Custava-me tanto ver-te partir, como a ti deixar-me ficar para trás. Mas as coisas são mesmo assim e não havia volta a dar-lhes.
Na nossa última noite juntos, trouxeste-me um dos maiores 'romances' da poesia lusa, Alexandre O'Neill e, com os olhos marejados de lágrimas, disseste-me um Adeus Português (um dos meus poemas favoritos)... "Nesta curva tão terna e lancinante, que vai ser, que já é, o teu desaparecimento, digo-te adeus e, como um adolescente, tropeço de ternura por ti".
Foi-me, de todo, impossível conter as lágrimas. Ouvir-te pronunciar tais palavras, trouxe-me à memória a noite da nossa descoberta. Apaixonei-me pela melodia da tua voz, a mesma que agora embalava o instante da despedida. Fiquei com o olhar perdido no vazio, era impossível conservar a alma se ia perder a luz.
Acordámos com os primeiros raios de sol a fazerem-nos festinhas no nariz. O percurso até ao aeroporto foi feito num silêncio de cortar a respiração. Sentia-me incapaz de proferir qualquer palavra, não tinha coragem de pedir que ficasses. Não merecias isso, nem eu e muito menos a nossa relação... ias culpar-nos, o resto da vida, se desperdiçasses tal oportunidade. Sempre foste o melhor, tinhas que te juntar aos melhores.
Conduzi-te até à sala de embarque. Caminhámos lado a lado. era imperativo separar caminho ali. "Amo-te! Vai e não olhes para trás, tens uma vida inteira à tua espera, segue em frente, abre os braços e o coração para receber o que ela te oferece.

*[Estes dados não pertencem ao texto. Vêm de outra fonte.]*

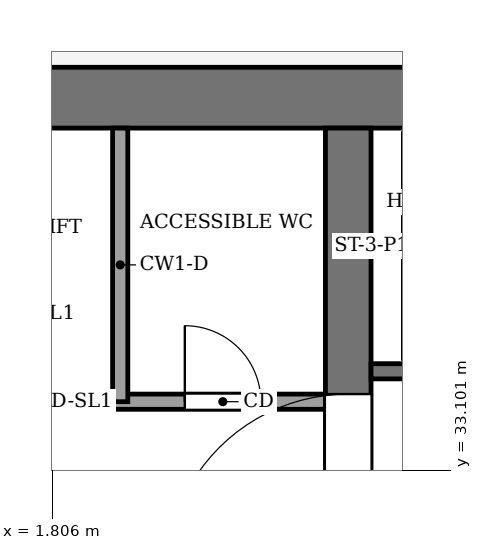
"""IFC4 building model, lengths in metres.
Left out: names, types, materials, properties, quantities, classifications, styles, units other than length and angle.
Written with IfcOpenShell. Run it as: python <this file> out.ifc"""

import sys

from ifc_helpers import new_model, si_unit, direction, frame, frame_2d, origin, place, context, subcontext, project, spatial, rectangle, extrude, element, fill, save


model = new_model("IFC4")
c1 = context("Model", 3, precision=1e-05, world=origin(), true_north=direction((0.0, 1.0)))
c2 = subcontext(c1, "Body", "Model", "MODEL_VIEW")
j1 = project(units=[si_unit("LENGTHUNIT", "METRE"), si_unit("PLANEANGLEUNIT", "RADIAN")], contexts=[c1])
p1 = place(None, origin())
s1 = spatial("IfcSite", under=j1, at=p1, CompositionType="ELEMENT")
p2 = place(p1, origin())
s2 = spatial("IfcBuilding", under=s1, at=p2, CompositionType="ELEMENT")
p3 = place(p2, frame((0.0, 0.0, 233.0)))
s3 = spatial("IfcBuildingStorey", under=s2, at=p3, CompositionType="ELEMENT", Elevation=233.0)
p4 = place(p3, frame((-13.4, 38.0, -0.13), z_axis=(0.0, 0.0, 1.0), x_axis=(1.0, 0.0, 0.0)))
e1 = element("IfcWall", 1, at=p4, inside=s3, PredefinedType="SHEAR", context=c2, shape_type="SweptSolid", body=[
    extrude(rectangle(XDim=26.8, YDim=0.8, at=frame_2d((13.4, 0.0))), origin(), (0.0, 0.0, 1.0), 5.0),
])
p5 = place(p3, frame((5.7, 18.4, -0.13), z_axis=(0.0, 0.0, 1.0), x_axis=(0.0, 1.0, 0.0)))
e2 = element("IfcWall", 2, at=p5, inside=s3, PredefinedType="SHEAR", context=c2, shape_type="SweptSolid", body=[
    extrude(rectangle(XDim=19.2, YDim=0.6, at=frame_2d((9.6, 0.0))), origin(), (0.0, 0.0, 1.0), 5.0),
])
p6 = place(p5, frame((13.3, 0.0, 0.13)))
e3 = element("IfcOpeningElement", 3, at=p6, cuts=e2, PredefinedType="OPENING", context=c2, shape_type="SweptSolid", body=[
    extrude(rectangle(XDim=2.4, YDim=2.4, at=frame_2d((1.2, 1.2))), frame((0.0, 0.31, 0.0), z_axis=(0.0, -1.0, 0.0), x_axis=(1.0, 0.0, 0.0)), (0.0, 0.0, 1.0), 0.62),
])
p7 = place(p3, frame((-5.4, 34.0, 0.0), z_axis=(0.0, 0.0, 1.0), x_axis=(1.0, 0.0, 0.0)))
e4 = element("IfcWall", 4, at=p7, inside=s3, PredefinedType="PARTITIONING", context=c2, shape_type="SweptSolid", body=[
    extrude(rectangle(XDim=10.8, YDim=0.2, at=frame_2d((5.4, 0.0))), origin(), (0.0, 0.0, 1.0), 4.87),
])
p8 = place(p7, frame((6.15, 0.0, 0.0)))
e5 = element("IfcOpeningElement", 5, at=p8, cuts=e4, PredefinedType="OPENING", context=c2, shape_type="SweptSolid", body=[
    extrude(rectangle(XDim=1.2, YDim=2.2, at=frame_2d((0.6, 1.1))), frame((0.0, 0.11, 0.0), z_axis=(0.0, -1.0, 0.0), x_axis=(1.0, 0.0, 0.0)), (0.0, 0.0, 1.0), 0.22),
])
p9 = place(p7, frame((8.95, 0.0, 0.0)))
e6 = element("IfcOpeningElement", 6, at=p9, cuts=e4, PredefinedType="OPENING", context=c2, shape_type="SweptSolid", body=[
    extrude(rectangle(XDim=1.0, YDim=2.1, at=frame_2d((0.5, 1.05))), frame((0.0, 0.11, 0.0), z_axis=(0.0, -1.0, 0.0), x_axis=(1.0, 0.0, 0.0)), (0.0, 0.0, 1.0), 0.22),
])
p10 = place(p3, frame((6.0, 34.4, 0.0), z_axis=(0.0, 0.0, 1.0), x_axis=(1.0, 0.0, 0.0)))
e7 = element("IfcWall", 7, at=p10, inside=s3, PredefinedType="PARTITIONING", context=c2, shape_type="SweptSolid", body=[
    extrude(rectangle(XDim=6.6, YDim=0.2, at=frame_2d((3.3, 0.0))), origin(), (0.0, 0.0, 1.0), 4.87),
])
p11 = place(p10, frame((4.8, 0.0, 0.0)))
e8 = element("IfcOpeningElement", 8, at=p11, cuts=e7, PredefinedType="OPENING", context=c2, shape_type="SweptSolid", body=[
    extrude(rectangle(XDim=1.2, YDim=2.2, at=frame_2d((0.6, 1.1))), frame((0.0, 0.11, 0.0), z_axis=(0.0, -1.0, 0.0), x_axis=(1.0, 0.0, 0.0)), (0.0, 0.0, 1.0), 0.22),
])
p12 = place(p3, frame((2.7, 34.0, 0.0), z_axis=(0.0, 0.0, 1.0), x_axis=(0.0, 1.0, 0.0)))
e9 = element("IfcWall", 9, at=p12, inside=s3, PredefinedType="PARTITIONING", context=c2, shape_type="SweptSolid", body=[
    extrude(rectangle(XDim=3.6, YDim=0.2, at=frame_2d((1.8, 0.0))), origin(), (0.0, 0.0, 1.0), 4.87),
])
p13 = place(p8, origin())
e10 = element("IfcDoor", 10, at=p13, inside=s3, OperationType="SLIDING_TO_LEFT", PredefinedType="DOOR", context=c2, shape_type="SweptSolid", body=[
    extrude(rectangle(XDim=1.2, YDim=2.2, at=frame_2d((0.6, 1.1))), frame((0.0, 0.025, 0.0), z_axis=(0.0, -1.0, 0.0), x_axis=(1.0, 0.0, 0.0)), (0.0, 0.0, 1.0), 0.05),
])
fill(e5, e10)
p14 = place(p9, origin())
e11 = element("IfcDoor", 11, at=p14, inside=s3, OperationType="SINGLE_SWING_LEFT", PredefinedType="DOOR", context=c2, shape_type="SweptSolid", body=[
    extrude(rectangle(XDim=1.0, YDim=2.1, at=frame_2d((0.5, 1.05))), frame((0.0, 0.025, 0.0), z_axis=(0.0, -1.0, 0.0), x_axis=(1.0, 0.0, 0.0)), (0.0, 0.0, 1.0), 0.05),
])
fill(e6, e11)
p15 = place(p6, origin())
e12 = element("IfcDoor", 12, at=p15, inside=s3, OperationType="DOUBLE_DOOR_SINGLE_SWING", PredefinedType="DOOR", context=c2, shape_type="SweptSolid", body=[
    extrude(rectangle(XDim=2.4, YDim=2.4, at=frame_2d((1.2, 1.2))), frame((0.0, 0.025, 0.0), z_axis=(0.0, -1.0, 0.0), x_axis=(1.0, 0.0, 0.0)), (0.0, 0.0, 1.0), 0.05),
])
fill(e3, e12)
save(model, sys.argv[1])

Vai e não percas nunca a certeza de que o mundo é todo teu!". E fiquei a ver-te ir embora, perdido e cheio de medo, num pássaro enorme que te ia levar para um novo capítulo.
Escusado será dizer que os tempos que se seguiram foram terrivelmente dolorosos. Demorei muito a ser capaz de aceitar convites para sair. Sentia-me incompleta, mutilada, faltava-me o sorriso fácil e espontâneo, tinha visto perder a minha outra metade.
Sabia (e consumia-me sabê-lo) que mesmo que um dia regressasses, nada seria como antes, tu e eu ter-nos -íamos tornado pessoas diferentes daquelas que um dia se amaram e acabaríamos por não ser mais do que dois estranhos.
Só que, na vida, as coisas nem sempre se revelam conformes ao que pensamos ser imperativo. Há, na verdade, muitas verdades.
O mundo tornou a girar e a mesma vida que te havia arrancado dos meus braços dois anos antes, trouxe-te de volta. Fui ao aeroporto buscar-te. E, mais uma vez, calámos as palavras. só o amor, só o nosso amor, existe!
E valeu a pena a espera, a dor da ausência, a infantil esperançazinha que me fez 'esperar por quem não disse que vinha', valeu a pena! Já dizia a poetiza, "Tudo vale a pena quando a alma não é pequena"! E, a nossa alma é enorme, tão grande como o amor que nos voltou a juntar.
Passou tudo e agora observo-te a dormir, em todas as noites iguais a esta, nos meus braços, do lado direito da cama e da minha vida... aninhado neste sentimento desmedido que faz de nós um só... como na fotografia que está na nossa mesa de cabeceira a exibir o nosso melhor sorriso.
E viver é isto. Ser a menina dos olhos de alguém que nos lê a alma, no primeiro instante, para fazer parte dela... a cada amanhecer, o resto da vida, enquanto houver caminho.